Nails at black dot points (deformation) in plywood eventually define forces using well developed approaches of Mechanics of Materials / Strength of Materials starting 18th century...on materials like a fiberglass bar or elastic metal ruler. At these fixed points (called simply supported or hinged )the bending moment vanishes.

A simple program listing in Mathematica is given where at simple support arc lengths $ (s=-2,s=-1,s=1) $ the moments vanish. Integration is done by NDSolve using Runge-Kutta numerical integration algorithms.

The NDSolve numerically integrates automatically from second to first (slope) derivative and next to $ [x(s),y(s)], \dfrac{dx}{ds}= \cos \theta,\;\dfrac{dy}{ds}= \sin \theta,\;$ and the shape of curve of deflection is seen.

EI=3;smin=-2;smax=1.5;
bm[s_]= -EI (s-1)(s+1)(s+2)/3;
BdgMoment=Plot[bm[s],{s,smin,smax},PlotStyle->{Thick,Blue},GridLines->Automatic,AspectRatio->0.6]
equn={PH'[s]==bm[s]/EI,X'[s]==Cos[PH[s]],Y'[s]== Sin[PH[s]],PH[0]==0.5,X[smin]==-2,Y[smin]==2};
NDSolve[equn,{PH,X,Y},{s,smin,smax}];
{ph[u_],x[u_],y[u_]}={PH[u],X[u],Y[u]}/.First[%];
deflection=ParametricPlot[ {x[s],y[s]},{s,smin,smax+.4},PlotStyle->{Red,Thick},GridLines->Automatic,AspectRatio->0.4 ]

Static equilibrium shapes come about automatically by energy minimization of elastic strain energy stored $ U=\int \frac{M^2}{2 EI} ds$. A set of forces can be found that produce a moment distribution of the first figure.

By action of the forces (omitted here), the (blue) bending moments come about. These moments determine curvatures from point to point. So by such direct integration an Elastica (Euler) type shape (red) can be arrived at as shown. I have included three nails but they can be generalized to arbitrary numbers and positions.

For small rotations a solution of elastic curve (aka "beam") due to Prof. Hetényi / MIT reminds one of the Maclaurin's series:

$$ y(x) = y_0 + y'_0(x) +-y''(0) \frac{x^2}{2!}- y'''(0)\dfrac{x^3}{3!}..$$

where the third and fourth derivatives represent bending moment and shear force upto the constant EI.
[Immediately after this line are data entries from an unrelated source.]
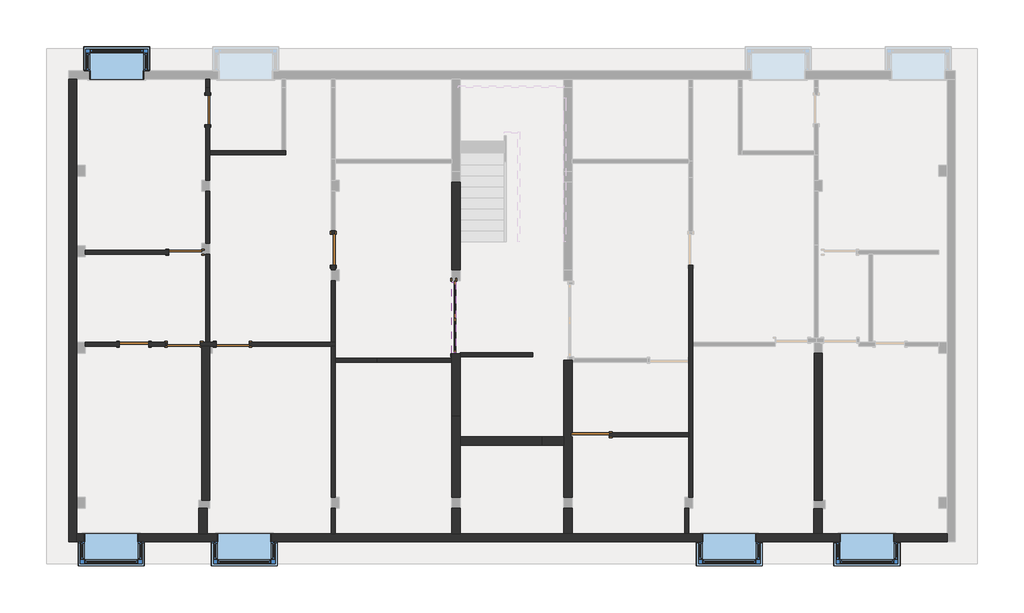
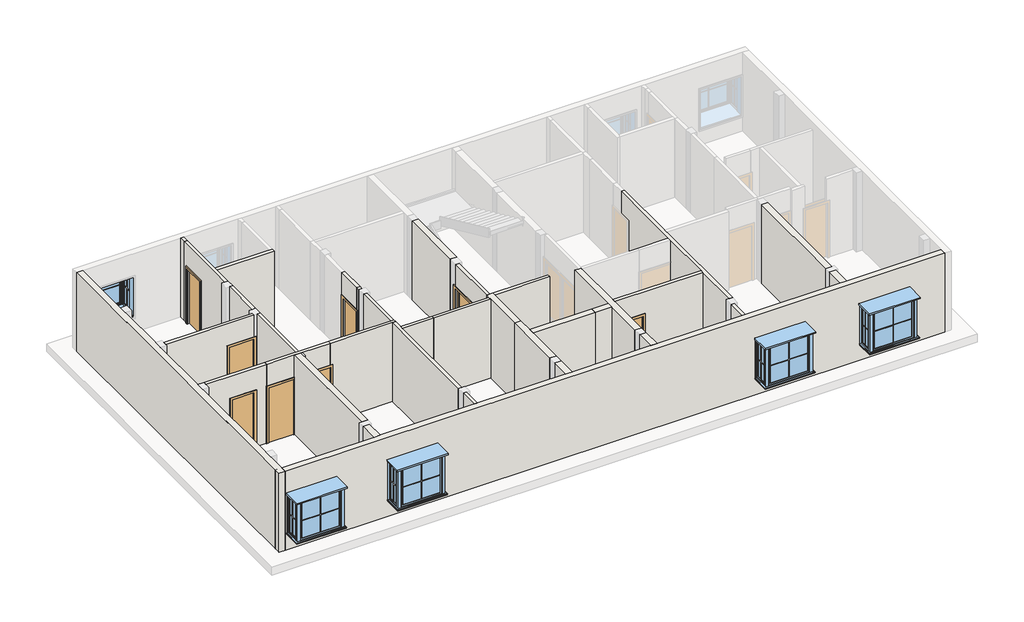
# One storey, part 1 of 3: 36 walls, 8 doors, 5 windows.
"""IFC4 building model written with IfcOpenShell, lengths in millimetres."""

from ifc_helpers import new_model, si_unit, frame, origin, place, context, project, spatial, polyline, outline, extrude, faceted_brep, transform, mapped, element, save
from components import door_b125cbd4, m_door_single_panel_05506f71, door_07b5d71c, door_4c0a2014, door_82def9da, m_door_single_panel_3_x7_f8176753, m_door_single_panel_3_x7_ebb67e73, window_19bbd869

model = new_model("IFC4")

# Units and contexts
model_context = context("Model", 3, world=origin())
ifc_project = project(units=[si_unit("LENGTHUNIT", "METRE", prefix="MILLI")], contexts=[model_context])

# Site, building, storey
site = spatial("IfcSite", under=ifc_project)
building = spatial("IfcBuilding", under=site)
storey = spatial("IfcBuildingStorey", under=building, Elevation=19202.4)

# Doors
placement = place(None, origin())
door_shape = door_b125cbd4(model_context)
element("IfcDoor", 1, ObjectType="M_Door-Double-Glass : 6'7\"X7'", at=placement, inside=storey, context=model_context, shape_type="MappedRepresentation", body=[
    mapped(door_shape, transform((-2022.6300498, 1267.5192699, 19202.4), x_axis=(0.0, 1.0, 0.0), y_axis=(-1.0, 0.0, 0.0), z_axis=(0.0, 0.0, 1.0))),
])
m_door_single_panel_shape = m_door_single_panel_05506f71(model_context)
element("IfcDoor", 2, ObjectType="M_Door-Single-Panel", at=placement, inside=storey, context=model_context, shape_type="MappedRepresentation", body=[
    mapped(m_door_single_panel_shape, transform((1745.3012085, -1975.7432663, 19202.4), x_axis=(-1.0, 0.0, 0.0), y_axis=(0.0, -1.0, 0.0), z_axis=(0.0, 0.0, 1.0))),
])
door_2_shape = door_07b5d71c(model_context)
element("IfcDoor", 3, ObjectType="M_Door-Single-Panel : 2'10\"X7' 2", at=placement, inside=storey, context=model_context, shape_type="MappedRepresentation", body=[
    mapped(door_2_shape, transform((-5360.3487995, 3142.9626891, 19202.4), x_axis=(0.0, -1.0, 0.0), y_axis=(1.0, 0.0, 0.0), z_axis=(0.0, 0.0, 1.0))),
])
door_3_shape = door_4c0a2014(model_context)
element("IfcDoor", 4, ObjectType="M_Door-Single-Panel : 2'8\"X7'", at=placement, inside=storey, context=model_context, shape_type="MappedRepresentation", body=[
    mapped(door_3_shape, transform((-10873.4462614, 526.1567334, 19202.4), x_axis=(1.0, 0.0, 0.0), y_axis=(0.0, 1.0, 0.0), z_axis=(0.0, 0.0, 1.0))),
])
door_4_shape = door_82def9da(model_context)
element("IfcDoor", 5, ObjectType="M_Door-Single-Panel : 2'8\"X7'", at=placement, inside=storey, context=model_context, shape_type="MappedRepresentation", body=[
    mapped(door_4_shape, transform((-8827.4487992, 7008.6751452, 19202.4), x_axis=(0.0, 1.0, 0.0), y_axis=(-1.0, 0.0, 0.0), z_axis=(0.0, 0.0, 1.0))),
])
m_door_single_panel_3_x7_shape = m_door_single_panel_3_x7_f8176753(model_context)
element("IfcDoor", 6, ObjectType="M_Door-Single-Panel : 3'X7'", at=placement, inside=storey, context=model_context, shape_type="MappedRepresentation", body=[
    mapped(m_door_single_panel_3_x7_shape, transform((-9456.0987989, 3078.8567332, 19202.4), x_axis=(1.0, 0.0, 0.0), y_axis=(0.0, 1.0, 0.0), z_axis=(0.0, 0.0, 1.0))),
])
element("IfcDoor", 7, ObjectType="M_Door-Single-Panel : 3'X7'", at=placement, inside=storey, context=model_context, shape_type="MappedRepresentation", body=[
    mapped(m_door_single_panel_3_x7_shape, transform((-8144.8381465, 526.1567334, 19202.4), x_axis=(-1.0, 0.0, 0.0), y_axis=(0.0, -1.0, 0.0), z_axis=(0.0, 0.0, 1.0))),
])
m_door_single_panel_3_x7_2_shape = m_door_single_panel_3_x7_ebb67e73(model_context)
element("IfcDoor", 8, ObjectType="M_Door-Single-Panel : 3'X7'", at=placement, inside=storey, context=model_context, shape_type="MappedRepresentation", body=[
    mapped(m_door_single_panel_3_x7_2_shape, transform((-9494.1987992, 526.1567334, 19202.4), x_axis=(1.0, 0.0, 0.0), y_axis=(0.0, 1.0, 0.0), z_axis=(0.0, 0.0, 1.0))),
])

# Walls
element("IfcWall", 9, ObjectType="4.5\"", at=placement, inside=storey, context=model_context, shape_type="SweptSolid", body=[
    extrude(outline(polyline([(2711.1626891, 22250.4), (3671.8272228, 22250.4), (3671.8272228, 19202.4), (3574.7626891, 19202.4), (3574.7626891, 21336.0), (2711.1626891, 21336.0), (2711.1626891, 22250.4)])), frame((-5417.4987995, 0.0, 0.0), z_axis=(1.0, 0.0, 0.0), x_axis=(0.0, 1.0, 0.0)), (0.0, 0.0, 1.0), 114.3),
])
element("IfcWall", 10, ObjectType="4.5\"", at=placement, inside=storey, context=model_context, shape_type="Brep", body=[
    faceted_brep([(-7690.1644155, 469.0067334, 22250.4), (-8713.148796, 469.0067334, 22250.4), (-8771.750543, 469.0067334, 22250.4), (-9000.350543, 469.0067334, 22250.4), (-10009.8462614, 469.0067334, 22250.4), (-10009.8462614, 469.0067334, 19202.4), (-9951.3987992, 469.0067334, 19202.4), (-9951.3987992, 469.0067334, 21336.0), (-9036.9987992, 469.0067334, 21336.0), (-9036.9987992, 469.0067334, 19202.4), (-9000.350543, 469.0067334, 19202.4), (-8771.750543, 469.0067334, 19202.4), (-8713.148796, 469.0067334, 19202.4), (-8602.0381465, 469.0067334, 19202.4), (-8602.0381465, 469.0067334, 21336.0), (-7690.1644155, 469.0067334, 21336.0), (-10009.8462614, 583.3067334, 22250.4), (-7690.1644155, 583.3067334, 22250.4), (-7690.1644155, 583.3067334, 21336.0), (-8602.0381465, 583.3067334, 21336.0), (-8602.0381465, 583.3067334, 19202.4), (-9036.9987992, 583.3067334, 19202.4), (-9036.9987992, 583.3067334, 21336.0), (-9951.3987992, 583.3067334, 21336.0), (-9951.3987992, 583.3067334, 19202.4), (-10009.8462614, 583.3067334, 19202.4)], [[[0, 1, 2, 3, 4, 5, 6, 7, 8, 9, 10, 11, 12, 13, 14, 15]], [[16, 17, 18, 19, 20, 21, 22, 23, 24, 25]], [[5, 25, 24, 6]], [[9, 21, 20, 13, 12, 11, 10]], [[17, 0, 15, 18]], [[4, 3, 2, 1, 0, 17, 16]], [[5, 4, 16, 25]], [[8, 22, 21, 9]], [[7, 23, 22, 8]], [[23, 7, 6, 24]], [[19, 14, 13, 20]], [[14, 19, 18, 15]]]),
])
element("IfcWall", 11, ObjectType="4.5\"", at=placement, inside=storey, context=model_context, shape_type="SweptSolid", body=[
    extrude(outline(polyline([(22250.4, 4475.8012082), (22250.4, 1250.0012085), (21336.0, 1250.0012085), (21336.0, 2278.7012085), (19202.4, 2278.7012085), (19202.4, 4475.8012082), (22250.4, 4475.8012082)])), frame((0.0, -2032.8932663, 0.0), z_axis=(0.0, 1.0, 0.0), x_axis=(0.0, 0.0, 1.0)), (0.0, 0.0, 1.0), 114.3),
])
element("IfcWall", 12, ObjectType="4.5\"", at=placement, inside=storey, context=model_context, shape_type="Brep", body=[
    faceted_brep([(-5417.4987995, 469.0067334, 19202.4), (-5417.4987995, -3709.2932193, 19202.4), (-5417.4987995, -3709.2932193, 22250.4), (-5417.4987995, 469.0067334, 22250.4), (-5303.1987995, 469.0067334, 19202.4), (-5303.1987995, 469.0067334, 22250.4), (-5303.1987995, 148.1078621, 22250.4), (-5303.1987995, 33.8078621, 22250.4), (-5303.1987995, -3709.2932193, 22250.4), (-5303.1987995, -3709.2932193, 19202.4), (-5303.1987995, 33.8078621, 19202.4), (-5303.1987995, 148.1078621, 19202.4)], [[[0, 1, 2, 3]], [[4, 5, 6, 7, 8, 9, 10, 11]], [[1, 0, 4, 11, 10, 9]], [[2, 1, 9, 8]], [[3, 2, 8, 7, 6, 5]], [[0, 3, 5, 4]]]),
])
element("IfcWall", 13, ObjectType="4.5\"", at=placement, inside=storey, context=model_context, shape_type="SweptSolid", body=[
    extrude(outline(polyline([(-5417.4987963, -4712.5932661), (-5417.4987963, -4014.0932193), (-5303.1987963, -4014.0932193), (-5303.1987963, -4712.5932661), (-5417.4987963, -4712.5932661)])), frame((0.0, 0.0, 19202.4), z_axis=(0.0, 0.0, 1.0), x_axis=(1.0, 0.0, 0.0)), (0.0, 0.0, 1.0), 3048.0),
])
element("IfcWall", 14, ObjectType="4.5\"", at=placement, inside=storey, context=model_context, shape_type="SweptSolid", body=[
    extrude(outline(polyline([(4361.5012082, -4712.5932661), (4361.5012082, -4014.0932193), (4475.8012082, -4014.0932193), (4475.8012082, -4712.5932661), (4361.5012082, -4712.5932661)])), frame((0.0, 0.0, 19202.4), z_axis=(0.0, 0.0, 1.0), x_axis=(1.0, 0.0, 0.0)), (0.0, 0.0, 1.0), 3048.0),
])
element("IfcWall", 15, ObjectType="4.5\"", at=placement, inside=storey, context=model_context, shape_type="SweptSolid", body=[
    extrude(outline(polyline([(-8770.2987992, 7860.4067329), (-8770.2987992, 7631.8067329), (-8884.5987992, 7631.8067329), (-8884.5987992, 7860.4067329), (-8770.2987992, 7860.4067329)])), frame((0.0, 0.0, 19202.4), z_axis=(0.0, 0.0, 1.0), x_axis=(1.0, 0.0, 0.0)), (0.0, 0.0, 1.0), 3048.0),
])
element("IfcWall", 16, ObjectType="4.5\"", at=placement, inside=storey, context=model_context, shape_type="SweptSolid", body=[
    extrude(outline(polyline([(-5303.1987995, 148.1078621), (-4161.4090098, 148.1078621), (-4161.4090098, 33.8078621), (-5303.1987995, 33.8078621), (-5303.1987995, 148.1078621)])), frame((0.0, 0.0, 19202.4), z_axis=(0.0, 0.0, 1.0), x_axis=(1.0, 0.0, 0.0)), (0.0, 0.0, 1.0), 3048.0),
])
element("IfcWall", 17, ObjectType="4.5\"", at=placement, inside=storey, context=model_context, shape_type="Brep", body=[
    faceted_brep([(154.7082462, 294.3817656, 19202.4), (-1848.7987998, 294.3817656, 19202.4), (-1848.7987998, 294.3817656, 21336.0), (-1848.7987998, 294.3817656, 22250.4), (154.7082462, 294.3817656, 22250.4), (154.7082462, 180.0817656, 19202.4), (154.7082462, 180.0817656, 22250.4), (-1848.7987998, 180.0817656, 22250.4), (-1848.7987998, 180.0817656, 19202.4), (-1848.7987998, 264.2192699, 19202.4)], [[[0, 1, 2, 3, 4]], [[5, 6, 7, 8]], [[1, 0, 5, 8, 9]], [[4, 3, 7, 6]], [[0, 4, 6, 5]], [[3, 2, 1, 9, 8, 7]]]),
])
element("IfcWall", 18, ObjectType="4.5\"", at=placement, inside=storey, context=model_context, shape_type="SweptSolid", body=[
    extrude(outline(polyline([(-1963.0987998, 2240.6567742), (-1963.0987998, 294.3817656), (-2077.3987998, 294.3817656), (-2077.3987998, 2240.6567742), (-1963.0987998, 2240.6567742)])), frame((0.0, 0.0, 21336.0), z_axis=(0.0, 0.0, 1.0), x_axis=(1.0, 0.0, 0.0)), (0.0, 0.0, 1.0), 914.4),
])
element("IfcWall", 19, ObjectType="4.5\" 2", at=placement, inside=storey, context=model_context, shape_type="SweptSolid", body=[
    extrude(outline(polyline([(22250.4, -8998.8987989), (22250.4, -12224.6987989), (19202.4, -12224.6987989), (19202.4, -9913.2987989), (21336.0, -9913.2987989), (21336.0, -8998.8987989), (22250.4, -8998.8987989)])), frame((0.0, 3021.7067332, 0.0), z_axis=(0.0, 1.0, 0.0), x_axis=(0.0, 0.0, 1.0)), (0.0, 0.0, 1.0), 114.3),
])
element("IfcWall", 20, ObjectType="4.5\" 2", at=placement, inside=storey, context=model_context, shape_type="SweptSolid", body=[
    extrude(outline(polyline([(-8770.2987992, 4761.606733), (-8770.2987992, 3326.5067332), (-8884.5987992, 3326.5067332), (-8884.5987992, 4761.606733), (-8770.2987992, 4761.606733)])), frame((0.0, 0.0, 19202.4), z_axis=(0.0, 0.0, 1.0), x_axis=(1.0, 0.0, 0.0)), (0.0, 0.0, 1.0), 3048.0),
])
element("IfcWall", 21, ObjectType="4.5\" 2", at=placement, inside=storey, context=model_context, shape_type="Brep", body=[
    faceted_brep([(-8770.2987992, 7415.0751452, 21336.0), (-8770.2987992, 7415.0751452, 19202.4), (-8770.2987992, 7631.8067329, 19202.4), (-8770.2987992, 7631.8067329, 22250.4), (-8770.2987992, 5879.2067329, 22250.4), (-8770.2987992, 5764.9067329, 22250.4), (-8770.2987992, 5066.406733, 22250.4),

Your approach that virtual work/energy decides shape of elastic rulers is basically correct. However, the forces need to be brought in. There are theorems of Castiliagno that link energy ( its partial derivative with respect to forces ) to determine the deformation/shape.

I am sure my answer creates more questions but in view of the range of details involved, that is about the best I could present for now.